As can be seen from Figure 2, the proposed method achieved the best results on the frame-level evaluation criteria. On the pixel-level evaluation standard, the results of the proposed method are not much different from those of the other two methods, i.e., Method 2 and Method 3, but obviously better than that of Method 1. Table 1 shows the comparison results of different algorithms on the UCSD Ped1 dataset at the frame level and the pixel level. The proposed method achieves 92.3% frame-level AUC and 71.4% pixel-level AUC, which are better than all other comparison methods. It is worth noting that learning temporal regularity is also an end-to-end deep learning method. However, the experimental results are clearly lower than the proposed method. This is because the method uses each frame of the video as the input of the neural network.
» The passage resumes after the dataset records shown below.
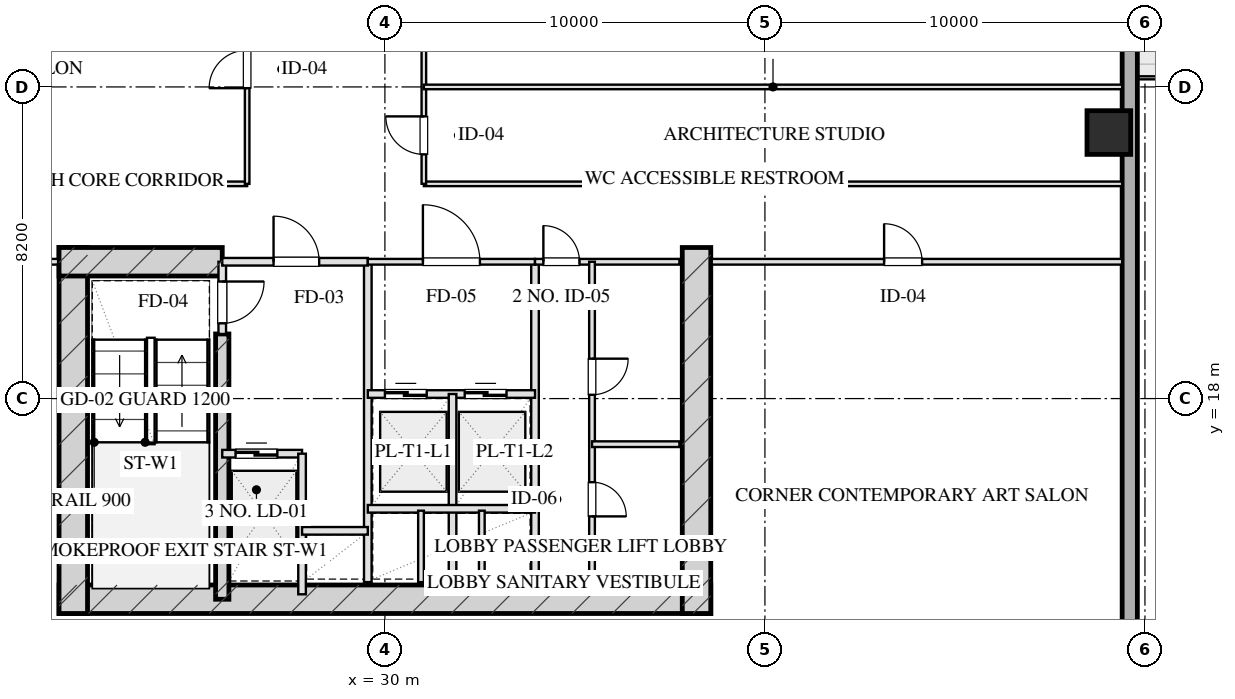
"""IFC4 building model, lengths in metres.
Left out: names, types, materials, properties, quantities, classifications, styles, units other than length and angle.
Written with IfcOpenShell. Run it as: python <this file> out.ifc"""

import sys

from ifc_helpers import new_model, si_unit, direction, frame, frame_2d, origin, origin_2d, place, context, subcontext, project, spatial, rectangle, hollow_rectangle, extrude, element, fill, save


model = new_model("IFC4")
c1 = context("Model", 3, precision=1e-05, world=origin(), true_north=direction((0.0, 1.0)))
c2 = subcontext(c1, "Body", "Model", "MODEL_VIEW")
j1 = project(units=[si_unit("LENGTHUNIT", "METRE"), si_unit("PLANEANGLEUNIT", "RADIAN")], contexts=[c1])
p1 = place(None, origin())
s1 = spatial("IfcSite", under=j1, at=p1, CompositionType="ELEMENT")
p2 = place(p1, origin())
s2 = spatial("IfcBuilding", under=s1, at=p2, CompositionType="ELEMENT")
p3 = place(p2, frame((0.0, 0.0, 60.95)))
s3 = spatial("IfcBuildingStorey", under=s2, at=p3, CompositionType="ELEMENT", Elevation=60.95)
p4 = place(p3, frame((21.425, 12.72, 0.0), z_axis=(0.0, 0.0, 1.0), x_axis=(1.0, 0.0, 0.0)))
e1 = element("IfcWall", 1, at=p4, inside=s3, PredefinedType="SHEAR", context=c2, shape_type="SweptSolid", body=[
    extrude(rectangle(XDim=17.15, YDim=0.75, at=frame_2d((8.575, 0.0))), origin(), (0.0, 0.0, 1.0), 3.45),
])
for number, where, z_axis, x_axis in (
    (2, (21.8, 21.975, 0.0), (0.0, 0.0, 1.0), (0.0, -1.0, 0.0)),
    (3, (38.2, 21.975, 0.0), (0.0, 0.0, 1.0), (0.0, -1.0, 0.0)),
):
    element("IfcWall", number, at=place(p3, frame(where, z_axis=z_axis, x_axis=x_axis)), inside=s3, PredefinedType="SHEAR", context=c2, shape_type="SweptSolid", body=[
        extrude(rectangle(XDim=9.63, YDim=0.75, at=frame_2d((4.815, 0.0))), origin(), (0.0, 0.0, 1.0), 3.45),
    ])
p5 = place(p3, frame((25.72, 19.7, 0.0), z_axis=(0.0, 0.0, 1.0), x_axis=(0.0, -1.0, 0.0)))
e4 = element("IfcWall", 4, at=p5, inside=s3, PredefinedType="SHEAR", context=c2, shape_type="SweptSolid", body=[
    extrude(rectangle(XDim=6.98, YDim=0.35, at=frame_2d((3.49, 0.0))), origin(), (0.0, 0.0, 1.0), 3.45),
])
p6 = place(p3, frame((21.425, 21.6, 0.0), z_axis=(0.0, 0.0, 1.0), x_axis=(1.0, 0.0, 0.0)))
e5 = element("IfcWall", 5, at=p6, inside=s3, PredefinedType="SHEAR", context=c2, shape_type="SweptSolid", body=[
    extrude(rectangle(XDim=4.295, YDim=0.75, at=frame_2d((2.147, 0.0))), origin(), (0.0, 0.0, 1.0), 3.45),
])
p7 = place(p3, frame((49.05, 25.0, 0.0), z_axis=(0.0, 0.0, 1.0), x_axis=(1.0, 0.0, 0.0)))
e6 = element("IfcColumn", 6, at=p7, inside=s3, PredefinedType="COLUMN", context=c2, shape_type="SweptSolid", body=[
    extrude(hollow_rectangle(XDim=1.15, YDim=1.15, WallThickness=0.04, at=origin_2d()), origin(), (0.0, 0.0, 1.0), 3.451),
])
p8 = place(p3, frame((49.6, 60.8, 0.0), z_axis=(0.0, 0.0, 1.0), x_axis=(0.0, -1.0, 0.0)))
e7 = element("IfcWall", 7, at=p8, inside=s3, PredefinedType="SOLIDWALL", context=c2, shape_type="SweptSolid", body=[
    extrude(rectangle(XDim=53.6, YDim=0.4, at=frame_2d((26.8, 0.0))), origin(), (0.0, 0.0, 1.0), 2.61),
])
p9 = place(p8, frame((32.05, 0.0, 0.0)))
e8 = element("IfcOpeningElement", 8, at=p9, cuts=e7, PredefinedType="OPENING", context=c2, shape_type="SweptSolid", body=[
    extrude(rectangle(XDim=1.1, YDim=2.15, at=frame_2d((0.55, 1.075))), frame((0.0, 0.21, 0.0), z_axis=(0.0, -1.0, 0.0), x_axis=(1.0, 0.0, 0.0)), (0.0, 0.0, 1.0), 0.42),
])
p10 = place(p3, frame((25.72, 21.6, 0.0), z_axis=(0.0, 0.0, 1.0), x_axis=(0.0, -1.0, 0.0)))
e9 = element("IfcWall", 9, at=p10, inside=s3, PredefinedType="PARTITIONING", context=c2, shape_type="SweptSolid", body=[
    extrude(rectangle(XDim=1.9, YDim=0.2, at=frame_2d((0.95, 0.0))), origin(), (0.0, 0.0, 1.0), 3.175),
])
p11 = place(p10, frame((0.52, 0.0, 0.0)))
e10 = element("IfcOpeningElement", 10, at=p11, cuts=e9, PredefinedType="OPENING", context=c2, shape_type="SweptSolid", body=[
    extrude(rectangle(XDim=1.1, YDim=2.05, at=frame_2d((0.55, 1.025))), frame((0.0, 0.11, 0.0), z_axis=(0.0, -1.0, 0.0), x_axis=(1.0, 0.0, 0.0)), (0.0, 0.0, 1.0), 0.22),
])
p12 = place(p3, frame((29.55, 21.6, 0.0), z_axis=(0.0, 0.0, 1.0), x_axis=(0.0, -1.0, 0.0)))
e11 = element("IfcWall", 11, at=p12, inside=s3, PredefinedType="PARTITIONING", context=c2, shape_type="SweptSolid", body=[
    extrude(rectangle(XDim=8.43, YDim=0.2, at=frame_2d((4.215, 0.0))), origin(), (0.0, 0.0, 1.0), 3.175),
])
p13 = place(p3, frame((25.72, 21.6, 0.0), z_axis=(0.0, 0.0, 1.0), x_axis=(1.0, 0.0, 0.0)))
e12 = element("IfcWall", 12, at=p13, inside=s3, PredefinedType="PARTITIONING", context=c2, shape_type="SweptSolid", body=[
    extrude(rectangle(XDim=3.83, YDim=0.2, at=frame_2d((1.915, 0.0))), origin(), (0.0, 0.0, 1.0), 3.175),
])
p14 = place(p13, frame((1.35, 0.0, 0.0)))
e13 = element("IfcOpeningElement", 13, at=p14, cuts=e12, PredefinedType="OPENING", context=c2, shape_type="SweptSolid", body=[
    extrude(rectangle(XDim=1.2, YDim=2.05, at=frame_2d((0.6, 1.025))), frame((0.0, 0.11, 0.0), z_axis=(0.0, -1.0, 0.0), x_axis=(1.0, 0.0, 0.0)), (0.0, 0.0, 1.0), 0.22),
])
p15 = place(p3, frame((25.72, 16.55, 0.0), z_axis=(0.0, 0.0, 1.0), x_axis=(1.0, 0.0, 0.0)))
e14 = element("IfcWall", 14, at=p15, inside=s3, PredefinedType="PARTITIONING", context=c2, shape_type="SweptSolid", body=[
    extrude(rectangle(XDim=2.1, YDim=0.2, at=frame_2d((1.05, 0.0))), origin(), (0.0, 0.0, 1.0), 3.175),
])
p16 = place(p15, frame((0.35, 0.0, 0.0)))
e15 = element("IfcOpeningElement", 15, at=p16, cuts=e14, PredefinedType="OPENING", context=c2, shape_type="SweptSolid", body=[
    extrude(rectangle(XDim=1.1, YDim=2.05, at=frame_2d((0.55, 1.025))), frame((0.0, 0.11, 0.0), z_axis=(0.0, -1.0, 0.0), x_axis=(1.0, 0.0, 0.0)), (0.0, 0.0, 1.0), 0.22),
])
p17 = place(p3, frame((27.82, 16.55, 0.0), z_axis=(0.0, 0.0, 1.0), x_axis=(0.0, -1.0, 0.0)))
e16 = element("IfcWall", 16, at=p17, inside=s3, PredefinedType="PARTITIONING", context=c2, shape_type="SweptSolid", body=[
    extrude(rectangle(XDim=3.7, YDim=0.2, at=frame_2d((1.85, 0.0))), origin(), (0.0, 0.0, 1.0), 3.175),
])
p18 = place(p3, frame((27.82, 14.52, 0.0), z_axis=(0.0, 0.0, 1.0), x_axis=(1.0, 0.0, 0.0)))
e17 = element("IfcWall", 17, at=p18, inside=s3, PredefinedType="PARTITIONING", context=c2, shape_type="SweptSolid", body=[
    extrude(rectangle(XDim=1.73, YDim=0.2, at=frame_2d((0.865, 0.0))), origin(), (0.0, 0.0, 1.0), 3.175),
])
p19 = place(p3, frame((33.95, 21.6, 0.0), z_axis=(0.0, 0.0, 1.0), x_axis=(0.0, -1.0, 0.0)))
e18 = element("IfcWall", 18, at=p19, inside=s3, PredefinedType="PARTITIONING", context=c2, shape_type="SweptSolid", body=[
    extrude(rectangle(XDim=8.43, YDim=0.2, at=frame_2d((4.215, 0.0))), origin(), (0.0, 0.0, 1.0), 3.175),
])
p20 = place(p3, frame((29.55, 21.6, 0.0), z_axis=(0.0, 0.0, 1.0), x_axis=(1.0, 0.0, 0.0)))
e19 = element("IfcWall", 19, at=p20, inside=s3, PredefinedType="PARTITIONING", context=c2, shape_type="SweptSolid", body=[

Table 2 shows the frame-level detection results on the Avenue dataset. On the Avenue dataset, only Method 2 and Method 4 are tested. And, Method 4 does not give the corresponding ROC curve. Compared with the other two methods, the proposed method achieves 82.1% results in frame-level AUC, which is higher than the other two methods by 1.3% and 3.8%, respectively. The results prove that the proposed method achieves high detection accuracy and good generalization on the Avenue dataset.

Figure 3 shows examples of partially correct detection results on two datasets. Among them, (a) and (b) are the test results of the USCD Ped1 dataset and (c) and (d) are the test results from the Avenue dataset. It can be observed from Figure 3 that the proposed method can detect different types of abnormal events, including bicycle, trolley, skateboard, and trolley. So, its performance for anomaly detection can be further validated.

Table 3 shows the comparison of detection speed between the proposed method and other one on the UCSD ped1 dataset. The results of the comparison methods come from their corresponding articles. The hardware environment of the whole experiment process is Intel Core i7-8700 k 3.7 GHz CPU, NVIDIA GeForce GTX 1070Ti (8 GB video memory) GPU and 16 GB RAM memory. The computing platform is Python 3.7 and Tensorflow 1.7. As can be seen from Table 3, the detection speed of the proposed method is 571 fps, which obviously surpasses the detection speed of other comparison methods.

4. Conclusion

In this paper, a method of video anomaly detection and location based on VAE is proposed using an end-to-end deep learning framework. The method assumes that all normal samples conform to a Gaussian distribution. The probability value of the abnormal sample in the Gaussian distribution is relatively small. In the proposed method, the two steps of event representation and establishment of anomaly detection model are, respectively, converted into the hidden layer representation and Gaussian distribution constraint in the VAE. In addition, the two steps are jointly optimized to improve the accuracy and generalization ability of the method. The quantitative results in the two public datasets show that the proposed method has reached the current technological development level. The next step of the research will consider the realization of the proposed method on more complex datasets.

Data Availability

The datasets used in this paper are publicly available.

Conflicts of Interest

The authors author declares that there are no conflicts of interest regarding the publication of this paper.

Acknowledgments

This work was sponsored in part by National Natural Science Foundation of China (61671309).